Dans la chronologie, 13 titres remarquables dans la discographie des Wolfhounds. En toute subjectivité !

Ils sont rares, les groupes qui se reforment près de 25 ans après leur séparation et dont les nouvelles chansons apparaissent au moins aussi vitales que les anciennes. Toujours menés par David Callahan (voix, guitare) et Andy Golding (guitare, chant occasionnel), les Wolfhounds sont de ceux-là. Ces Anglais bientôt sexagénaires, dont la musique n’est pas l’activité principale, n’ont rien perdu de leur vigueur et affichent une productivité peu fréquente chez les vétérans de l’indie pop. Le bien nommé et excellent “Electric Music”, qui sort en ce mois de juillet sur A Turntable Friend Records, est ainsi leur troisième album depuis leur retour discographique en 2014, et le groupe a tourné régulièrement en Europe ces dernières années. Leurs guitares (souvent) furieuses et acérées, leur regard sans concession sur l’époque et sur leur pays en font les pères putatifs des Shame, Idles ou Fontaines D.C., la maturité en plus.

Inclus sur la fameuse compilation “C86” (pour “classe de 1986”) du “NME”, les tout jeunes Wolfhounds apparaissaient, à l’instar de leurs amis de McCarthy, comme une bonne synthèse entre les deux tendances qui se dégagent de cette photographie d’époque : d’un côté, une pop plutôt légère et mélodieuse, quoique un peu noisy parfois ; de l’autre, un rock nettement plus déconstruit, engagé, voire conflictuel (“confrontational”, disent les Anglo-Saxons). Témoignant de leurs racines garage-punk-rockabilly, “Feeling So Strange Again”, le bref morceau figurant sur la compile, est toutefois en deçà des singles que les Wolfhounds sortent en 1986 et 1987 : “Cut the Cake”, “Cruelty”, l’imparable “Me” ou l’énergique “The Anti-Midas Touch”, qui reste sans doute leur classique. A l’opposé de cette science du riff catchy, le lancinant et monocorde “Another Hazy Day on the Lazy ‘A’” impressionne au moins autant, avec son imagerie morbide digne d’un western spaghetti (“Corpse deflate to the ground/buzzards circle round”, “A skull leers from an outcrop”, “An owl peers from a cactus rotten and brown”). Ce ranch désolé ne serait-il pas une métaphore de l’Angleterre thatchérienne ?

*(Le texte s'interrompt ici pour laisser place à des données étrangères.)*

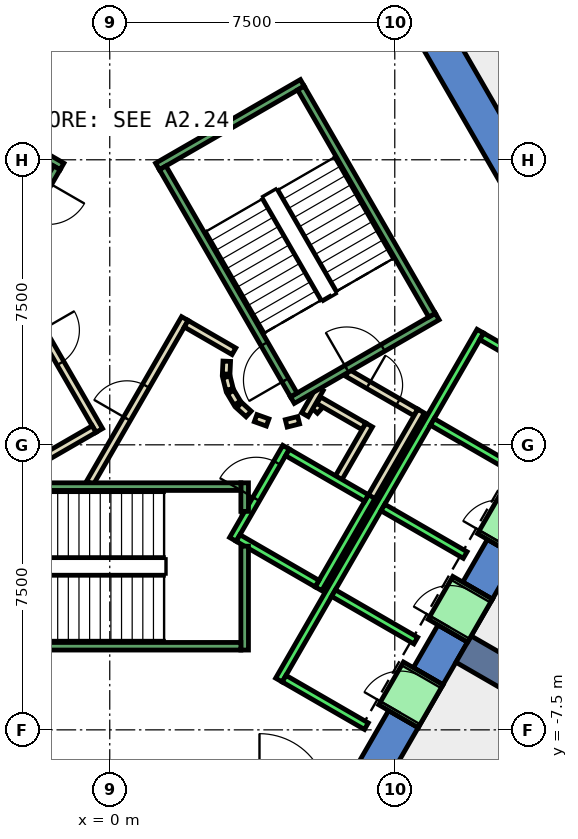
"""IFC4 building model, lengths in metres.
Left out: names, types, materials, properties, quantities, classifications, styles, units other than length and angle.
Written with IfcOpenShell. Run it as: python <this file> out.ifc"""

import sys

from ifc_helpers import new_model, si_unit, direction, frame, frame_2d, origin, place, context, subcontext, project, spatial, polyline, rectangle, outline, extrude, element, fill, save


model = new_model("IFC4")
c1 = context("Model", 3, precision=1e-05, world=origin(), true_north=direction((0.0, 1.0)))
c2 = subcontext(c1, "Body", "Model", "MODEL_VIEW")
j1 = project(units=[si_unit("LENGTHUNIT", "METRE"), si_unit("PLANEANGLEUNIT", "RADIAN")], contexts=[c1])
p1 = place(None, origin())
s1 = spatial("IfcSite", under=j1, at=p1, CompositionType="ELEMENT")
p2 = place(p1, origin())
s2 = spatial("IfcBuilding", under=s1, at=p2, CompositionType="ELEMENT")
p3 = place(p2, frame((0.0, 0.0, 116.0)))
s3 = spatial("IfcBuildingStorey", under=s2, at=p3, CompositionType="ELEMENT", Elevation=116.0)
p4 = place(p3, frame((0.0, 0.0, -0.4)))
e1 = element("IfcWall", 1, at=p4, inside=s3, PredefinedType="SHEAR", context=c2, shape_type="SweptSolid", body=[
    extrude(outline(polyline([(8.517, 11.748), (7.738, 11.298), (12.817, 2.5), (13.856, 2.5), (8.517, 11.748)])), origin(), (0.0, 0.0, 1.0), 4.2),
])
p5 = place(p3, frame((0.0, 0.0, -0.4)))
e2 = element("IfcWall", 2, at=p5, inside=s3, PredefinedType="SHEAR", context=c2, shape_type="SweptSolid", body=[
    extrude(outline(polyline([(8.117, -7.44), (7.338, -6.99), (6.409, -8.6), (6.928, -9.5), (8.117, -7.44)])), origin(), (0.0, 0.0, 1.0), 4.2),
])
p6 = place(p3, frame((0.0, 0.0, -0.4)))
e3 = element("IfcWall", 3, at=p6, inside=s3, PredefinedType="SHEAR", context=c2, shape_type="SweptSolid", body=[
    extrude(outline(polyline([(9.417, -5.189), (8.638, -4.739), (7.988, -5.864), (8.767, -6.314), (9.417, -5.189)])), origin(), (0.0, 0.0, 1.0), 4.2),
])
p7 = place(p3, frame((0.0, 0.0, -0.4)))
e4 = element("IfcWall", 4, at=p7, inside=s3, PredefinedType="SHEAR", context=c2, shape_type="SweptSolid", body=[
    extrude(outline(polyline([(10.717, -2.937), (9.938, -2.487), (9.288, -3.613), (10.067, -4.063), (10.717, -2.937)])), origin(), (0.0, 0.0, 1.0), 4.2),
])
p8 = place(p3, frame((0.0, 0.0, 3.6)))
e5 = element("IfcWall", 5, at=p8, inside=s3, PredefinedType="SHEAR", context=c2, shape_type="SweptSolid", body=[
    extrude(outline(polyline([(8.767, -6.314), (7.988, -5.864), (7.338, -6.99), (8.117, -7.44), (8.767, -6.314)])), origin(), (0.0, 0.0, 1.0), 0.2),
])
p9 = place(p3, frame((0.0, 0.0, 3.6)))
e6 = element("IfcWall", 6, at=p9, inside=s3, PredefinedType="SHEAR", context=c2, shape_type="SweptSolid", body=[
    extrude(outline(polyline([(10.067, -4.063), (9.288, -3.613), (8.638, -4.739), (9.417, -5.189), (10.067, -4.063)])), origin(), (0.0, 0.0, 1.0), 0.2),
])
p10 = place(p3, frame((0.0, 0.0, 3.6)))
e7 = element("IfcWall", 7, at=p10, inside=s3, PredefinedType="SHEAR", context=c2, shape_type="SweptSolid", body=[
    extrude(outline(polyline([(11.367, -1.811), (10.588, -1.361), (9.938, -2.487), (10.717, -2.937), (11.367, -1.811)])), origin(), (0.0, 0.0, 1.0), 0.2),
])
p11 = place(p3, frame((9.31, -5.375, -0.4), z_axis=(0.0, 0.0, 1.0), x_axis=(0.866017533419, -0.500013631625, 0.0)))
e8 = element("IfcWall", 8, at=p11, inside=s3, PredefinedType="SHEAR", context=c2, shape_type="SweptSolid", body=[
    extrude(rectangle(XDim=9.0, YDim=0.8, at=frame_2d((4.5, 0.0))), origin(), (0.0, 0.0, 1.0), 4.2),
])
p12 = place(p3, frame((5.39, 0.898, 0.0), z_axis=(0.0, 0.0, 1.0), x_axis=(0.673828488714, 0.738887791073, 0.0)))
e9 = element("IfcWall", 9, at=p12, inside=s3, PredefinedType="PARTITIONING", context=c2, shape_type="SweptSolid", body=[
    extrude(rectangle(XDim=0.263, YDim=0.2, at=frame_2d((0.131, 0.0))), origin(), (0.0, 0.0, 1.0), 3.8),
])
p13 = place(p3, frame((5.499, 1.172, 0.0), z_axis=(0.0, 0.0, 1.0), x_axis=(0.866333505267, -0.499465972466, 0.0)))
e10 = element("IfcWall", 10, at=p13, inside=s3, PredefinedType="PARTITIONING", context=c2, shape_type="SweptSolid", body=[
    extrude(rectangle(XDim=1.374, YDim=0.2, at=frame_2d((0.687, 0.0))), origin(), (0.0, 0.0, 1.0), 3.8),
])
p14 = place(p3, frame((6.826, 0.522, 0.0), z_axis=(0.0, 0.0, 1.0), x_axis=(-0.500016722714, -0.866015748706, 0.0)))
e11 = element("IfcWall", 11, at=p14, inside=s3, PredefinedType="PARTITIONING", context=c2, shape_type="SweptSolid", body=[
    extrude(rectangle(XDim=1.7, YDim=0.2, at=frame_2d((0.85, 0.0))), origin(), (0.0, 0.0, 1.0), 3.8),
])
p15 = place(p3, frame((6.25, 1.894, 0.0), z_axis=(0.0, 0.0, 1.0), x_axis=(0.866043184279, -0.499969202016, 0.0)))
e12 = element("IfcWall", 12, at=p15, inside=s3, PredefinedType="PARTITIONING", context=c2, shape_type="SweptSolid", body=[
    extrude(rectangle(XDim=2.084, YDim=0.2, at=frame_2d((1.042, 0.0))), origin(), (0.0, 0.0, 1.0), 3.8),
])
p16 = place(p15, frame((0.642, 0.0, 0.0)))
e13 = element("IfcOpeningElement", 13, at=p16, cuts=e12, PredefinedType="OPENING", context=c2, shape_type="SweptSolid", body=[
    extrude(rectangle(XDim=0.9, YDim=2.1, at=frame_2d((0.45, 1.05))), frame((0.0, 0.11, 0.0), z_axis=(0.0, -1.0, 0.0), x_axis=(1.0, 0.0, 0.0)), (0.0, 0.0, 1.0), 0.22),
])
p17 = place(p3, frame((8.192, 0.888, 0.0), z_axis=(0.0, 0.0, 1.0), x_axis=(-0.499940625693, -0.866059680843, 0.0)))
e14 = element("IfcWall", 14, at=p17, inside=s3, PredefinedType="PARTITIONING", context=c2, shape_type="SweptSolid", body=[
    extrude(rectangle(XDim=2.68, YDim=0.2, at=frame_2d((1.34, 0.0))), origin(), (0.0, 0.0, 1.0), 3.8),
])
p18 = place(p3, frame((5.135, 0.793, 0.0), z_axis=(0.0, 0.0, 1.0), x_axis=(0.499526442893, 0.866298639529, 0.0)))
e15 = element("IfcWall", 15, at=p18, inside=s3, PredefinedType="PARTITIONING", context=c2, shape_type="SweptSolid", body=[
    extrude(rectangle(XDim=0.791, YDim=0.2, at=frame_2d((0.396, 0.0))), origin(), (0.0, 0.0, 1.0), 3.8),
])
p19 = place(p3, frame((-0.52, -1.0, 0.0), z_axis=(0.0, 0.0, 1.0), x_axis=(0.50011622646, 0.865958290007, 0.0)))
e16 = element("IfcWall", 16, at=p19, inside=s3, PredefinedType="PARTITIONING", context=c2, shape_type="SweptSolid", body=[
    extrude(rectangle(XDim=4.991, YDim=0.2, at=frame_2d((2.496, 0.0))), origin(), (0.0, 0.0, 1.0), 3.8),
])
p20 = place(p19, frame((1.945, 0.0, 0.0)))
e17 = element("IfcOpeningElement", 17, at=p20, cuts=e16, PredefinedType="OPENING", context=c2, shape_type="SweptSolid", body=[
    extrude(rectangle(XDim=1.0, YDim=2.1, at=frame_2d((0.5, 1.05))), frame((0.0, 0.11, 0.0), z_axis=(0.0, -1.0, 0.0), x_axis=(1.0, 0.0, 0.0)), (0.0, 0.0, 1.0), 0.22),
])
p21 = place(p3, frame((2.012, 3.186, 0.0), z_axis=(0.0, 0.0, 1.0), x_axis=(0.865891012941, -0.500232699559, 0.0)))
e18 = element("IfcWall", 18, at=p21, inside=s3, PredefinedType="PARTITIONING", context=c2, shape_type="SweptSolid", body=[
    extrude(rectangle(XDim=1.449, YDim=0.2, at=frame_2d((0.725, 0.0))), origin(), (0.0, 0.0, 1.0), 3.8),
])
p22 = place(p3, frame((3.079, 2.199, 0.0), z_axis=(0.0, 0.0, 1.0), x_axis=(-0.047771483479, -0.998858290933, 0.0)))
e19 = element("IfcWall", 19, at=p22, inside=s3, PredefinedType="PARTITIONING", context=c2, shape_type="SweptSolid", body=[
    extrude(rectangle(XDim=0.337, YDim=0.2, at=frame_2d((0.169, 0.0))), origin(), (0.0, 0.0, 1.0), 3.8),
])
p23 = place(p3, frame((3.07, 1.786, 0.0), z_axis=(0.0, 0.0, 1.0), x_axis=(0.242705583207, -0.970099994784, 0.0)))
e20 = element("IfcWall", 20, at=p23, inside=s3, PredefinedType="PARTITIONING", context=c2, shape_type="SweptSolid", body=[
    extrude(rectangle(XDim=0.338, YDim=0.2, at=frame_2d((0.169, 0.0))), origin(), (0.0, 0.0, 1.0), 3.8),
])
for number, where, z_axis, x_axis in (
    (21, (3.182, 1.388, 0.0), (0.0, 0.0, 1.0), (0.512, -0.859, 0.0)),
    (22, (3.404, 1.039, 0.0), (0.0, 0.0, 1.0), (0.74, -0.672, 0.0)),
):
    element("IfcWall", number, at=place(p3, frame(where, z_axis=z_axis, x_axis=x_axis)), inside=s3, PredefinedType="PARTITIONING", context=c2, shape_type="SweptSolid", body=[
        extrude(rectangle(XDim=0.338, YDim=0.2, at=frame_2d((0.169, 0.0))), origin(), (0.0, 0.0, 1.0), 3.8),
    ])
p24 = place(p3, frame((3.838, 0.702, 0.0), z_axis=(0.0, 0.0, 1.0), x_axis=(0.941035081519, -0.338308993895, 0.0)))
e23 = element("IfcWall", 23, at=p24, inside=s3, PredefinedType="PARTITIONING", context=c2, shape_type="SweptSolid", body=[
    extrude(rectangle(XDim=0.337, YDim=0.2, at=frame_2d((0.168, 0.0))), origin(), (0.0, 0.0, 1.0), 3.8),
])
p25 = place(p3, frame((4.644, 0.564, 0.0), z_axis=(0.0, 0.0, 1.0), x_axis=(0.969929076366, 0.243387729394, 0.0)))
e24 = element("IfcWall", 24, at=p25, inside=s3, PredefinedType="PARTITIONING", context=c2, shape_type="SweptSolid", body=[
    extrude(rectangle(XDim=0.337, YDim=0.2, at=frame_2d((0.168, 0.0))), origin(), (0.0, 0.0, 1.0), 3.8),
])
p26 = place(p3, frame((-2.771, 4.7, 0.0), z_axis=(0.0, 0.0, 1.0), x_axis=(0.499969479948, -0.866043023828, 0.0)))
e25 = element("IfcWall", 25, at=p26, inside=s3, PredefinedType="PARTITIONING", context=c2, shape_type="SweptSolid", body=[
    extrude(rectangle(XDim=4.99, YDim=0.2, at=frame_2d((2.495, 0.0))), origin(), (0.0, 0.0, 1.0), 3.8),
])
p27 = place(p26, frame((1.945, 0.0, 0.0)))
e26 = element("IfcOpeningElement", 26, at=p27, cuts=e25, PredefinedType="OPENING", context=c2, shape_type="SweptSolid", body=[
    extrude(rectangle(XDim=1.0, YDim=2.1, at=frame_2d((0.5, 1.05))), frame((0.0, 0.11, 0.0), z_axis=(0.0, -1.0, 0.0), x_axis=(1.0, 0.0, 0.0)), (0.0, 0.0, 1.0), 0.22),
])
p28 = place(p3, frame((-0.412, 0.414, 0.0), z_axis=(0.0, 0.0, 1.0), x_axis=(-0.866017369001, -0.500013916395, 0.0)))
e27 = element("IfcWall", 27, at=p28, inside=s3, PredefinedType="PARTITIONING", context=c2, shape_type="SweptSolid", body=[
    extrude(rectangle(XDim=1.45, YDim=0.2, at=frame_2d((0.725, 0.0))), origin(), (0.0, 0.0, 1.0), 3.8),
])
p29 = place(p3, frame((12.401, -7.621, 0.0), z_axis=(0.0, 0.0, 1.0), x_axis=(-0.499983724212, -0.866034800411, 0.0)))
e28 = element("IfcWall", 28, at=p29, inside=s3, PredefinedType="PARTITIONING", context=c2, shape_type="SweptSolid", body=[
    extrude(rectangle(XDim=9.302, YDim=0.2, at=frame_2d((4.651, 0.0))), origin(), (0.0, 0.0, 1.0), 3.8),
])
p30 = place(p3, frame((3.24, -2.488, 0.0), z_axis=(0.0, 0.0, 1.0), x_axis=(0.49994636267, 0.866056369097, 0.0)))
e29 = element("IfcWall", 29, at=p30, inside=s3, PredefinedType="STANDARD", context=c2, shape_type="SweptSolid", body=[
    extrude(rectangle(XDim=2.8, YDim=0.2, at=frame_2d((1.4, 0.0))), origin(), (0.0, 0.0, 1.0), 3.8),
])
p31 = place(p30, frame((1.225, 0.0, 0.0)))
e30 = element("IfcOpeningElement", 30, at=p31, cuts=e29, PredefinedType="OPENING", context=c2, shape_type="SweptSolid", body=[
    extrude(rectangle(XDim=1.1, YDim=2.1, at=frame_2d((0.55, 1.05))), frame((0.0, 0.11, 0.0), z_axis=(0.0, -1.0, 0.0), x_axis=(1.0, 0.0, 0.0)), (0.0, 0.0, 1.0), 0.22),
])
p32 = place(p3, frame((5.492, -3.788, 0.0), z_axis=(0.0, 0.0, 1.0), x_axis=(0.500011755427, 0.866018616679, 0.0)))
e31 = element("IfcWall", 31, at=p32, inside=s3, PredefinedType="STANDARD", context=c2, shape_type="SweptSolid", body=[
    extrude(rectangle(XDim=2.8, YDim=0.2, at=frame_2d((1.4, 0.0))), origin(), (0.0, 0.0, 1.0), 3.8),
])
p33 = place(p3, frame((3.377, -2.452, 0.0), z_axis=(0.0, 0.0, 1.0), x_axis=(0.865955154139, -0.50012165622, 0.0)))
e32 = element("IfcWall", 32, at=p33, inside=s3, PredefinedType="STANDARD", context=c2, shape_type="SweptSolid", body=[
    extrude(rectangle(XDim=2.4, YDim=0.2, at=frame_2d((1.2, 0.0))), origin(), (0.0, 0.0, 1.0), 3.8),
])
p34 = place(p3, frame((4.677, -0.2, 0.0), z_axis=(0.0, 0.0, 1.0), x_axis=(0.865973769406, -0.500089422704, 0.0)))
e33 = element("IfcWall", 33, at=p34, inside=s3, PredefinedType="STANDARD", context=c2, shape_type="SweptSolid", body=[
    extrude(rectangle(XDim=2.399, YDim=0.2, at=frame_2d((1.2, 0.0))), origin(), (0.0, 0.0, 1.0), 3.8),
])
p35 = place(p3, frame((4.451, -6.19, 0.0), z_axis=(0.0, 0.0, 1.0), x_axis=(0.50000090737, 0.866024879913, 0.0)))
e34 = element("IfcWall", 34, at=p35, inside=s3, PredefinedType="STANDARD", context=c2, shape_type="SweptSolid", body=[
    extrude(rectangle(XDim=10.6, YDim=0.2, at=frame_2d((5.3, 0.0))), origin(), (0.0, 0.0, 1.0), 3.8),
])
for number, where, z_axis, x_axis in (
    (35, (4.588, -6.153, 0.0), (0.0, 0.0, 1.0), (0.866, -0.5, 0.0)),
    (36, (5.888, -3.902, 0.0), (0.0, 0.0, 1.0), (0.866, -0.5, 0.0)),
    (37, (7.188, -1.65, 0.0), (0.0, 0.0, 1.0), (0.866, -0.5, 0.0)),
    (38, (8.488, 0.602, 0.0), (0.0, 0.0, 1.0), (0.866, -0.5, 0.0)),
):
    element("IfcWall", number, at=place(p3, frame(where, z_axis=z_axis, x_axis=x_axis)), inside=s3, PredefinedType="STANDARD", context=c2, shape_type="SweptSolid", body=[
        extrude(rectangle(XDim=2.5, YDim=0.2, at=frame_2d((1.25, 0.0))), origin(), (0.0, 0.0, 1.0), 3.8),
    ])
p36 = place(p3, frame((9.788, 2.853, 0.0), z_axis=(0.0, 0.0, 1.0), x_axis=(0.865998541277, -0.500046524342, 0.0)))
e39 = element("IfcWall", 39, at=p36, inside=s3, PredefinedType="STANDARD", context=c2, shape_type="SweptSolid", body=[
    extrude(rectangle(XDim=2.5, YDim=0.2, at=frame_2d((1.25, 0.0))), origin(), (0.0, 0.0, 1.0), 3.8),
])
p37 = place(p3, frame((7.598, -7.14, 0.0), z_axis=(0.0, 0.0, 1.0), x_axis=(0.500362116554, 0.865816234728, 0.0)))
e40 = element("IfcWall", 40, at=p37, inside=s3, PredefinedType="STANDARD", context=c2, shape_type="SweptSolid", body=[
    extrude(rectangle(XDim=1.299, YDim=1.2, at=frame_2d((0.65, 0.0))), origin(), (0.0, 0.0, 1.0), 2.4),
])
p38 = place(p37, frame((0.1, 0.0, 0.0)))
e41 = element("IfcOpeningElement", 41, at=p38, cuts=e40, PredefinedType="OPENING", context=c2, shape_type="SweptSolid", body=[
    extrude(rectangle(XDim=1.1, YDim=2.3, at=frame_2d((0.55, 1.15))), frame((0.0, 0.61, 0.0), z_axis=(0.0, -1.0, 0.0), x_axis=(1.0, 0.0, 0.0)), (0.0, 0.0, 1.0), 1.22),
])
p39 = place(p3, frame((8.898, -4.889, 0.0), z_axis=(0.0, 0.0, 1.0), x_axis=(0.500036693733, 0.866004217611, 0.0)))
e42 = element("IfcWall", 42, at=p39, inside=s3, PredefinedType="STANDARD", context=c2, shape_type="SweptSolid", body=[
    extrude(rectangle(XDim=1.3, YDim=1.2, at=frame_2d((0.65, 0.0))), origin(), (0.0, 0.0, 1.0), 2.4),
])
p40 = place(p39, frame((0.1, 0.0, 0.0)))
e43 = element("IfcOpeningElement", 43, at=p40, cuts=e42, PredefinedType="OPENING", context=c2, shape_type="SweptSolid", body=[
    extrude(rectangle(XDim=1.1, YDim=2.3, at=frame_2d((0.55, 1.15))), frame((0.0, 0.61, 0.0), z_axis=(0.0, -1.0, 0.0), x_axis=(1.0, 0.0, 0.0)), (0.0, 0.0, 1.0), 1.22),
])
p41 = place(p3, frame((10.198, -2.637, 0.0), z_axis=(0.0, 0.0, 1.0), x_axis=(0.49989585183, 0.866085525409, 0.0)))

Après “Unseen Ripples from a Pebble” (1987), qui selon les membres du groupe échoue à capter leur énergie scénique, le deuxième album “Bright and Guilty” (1989) affine la formule et les satisfait davantage. La production un peu plus riche, le jeu un peu plus délié des musiciens n’enlève rien à la puissance de l’ensemble. Les futurs cadors sensibles du shoegaze prennent sans doute des notes, et “Son of Nothing”, avec sa rythmique funky, est parfaitement en phase avec le son baggy de Manchester (dommage pour eux, les Wolfhounds sont de Romford, à l’est de Londres, ville qui sera citée dans le tube “Born Slippy” d’Underworld). Régulièrement présent dans les charts indie britanniques, le groupe commence à se faire connaître au-delà de son île, notamment en France.

Sorti la même année, le mini-album “Blown Away” radicalise le son, un magma de guitares et de basse dont émergent quelques-unes des mélodies vocales les plus mémorables et passionnées de Callahan. Un an plus tard, “Attitude” signe déjà la fin du groupe en creusant encore davantage le sillon bruitiste, comme pour s’étalonner sur My Bloody Valentine, les Pixies ou Sonic Youth. Il annonce aussi les futures aventures, encore plus expérimentales, de David au sein de Moonshake. Entre efficacité pop, coups de boutoir soniques et plages plus atmosphériques, tout ce passé semble comme sublimé dans les albums de ces six dernières années, qui explorent également de nouvelles pistes inattendues. Les Wolfhounds n’ont pas fini de nous surprendre.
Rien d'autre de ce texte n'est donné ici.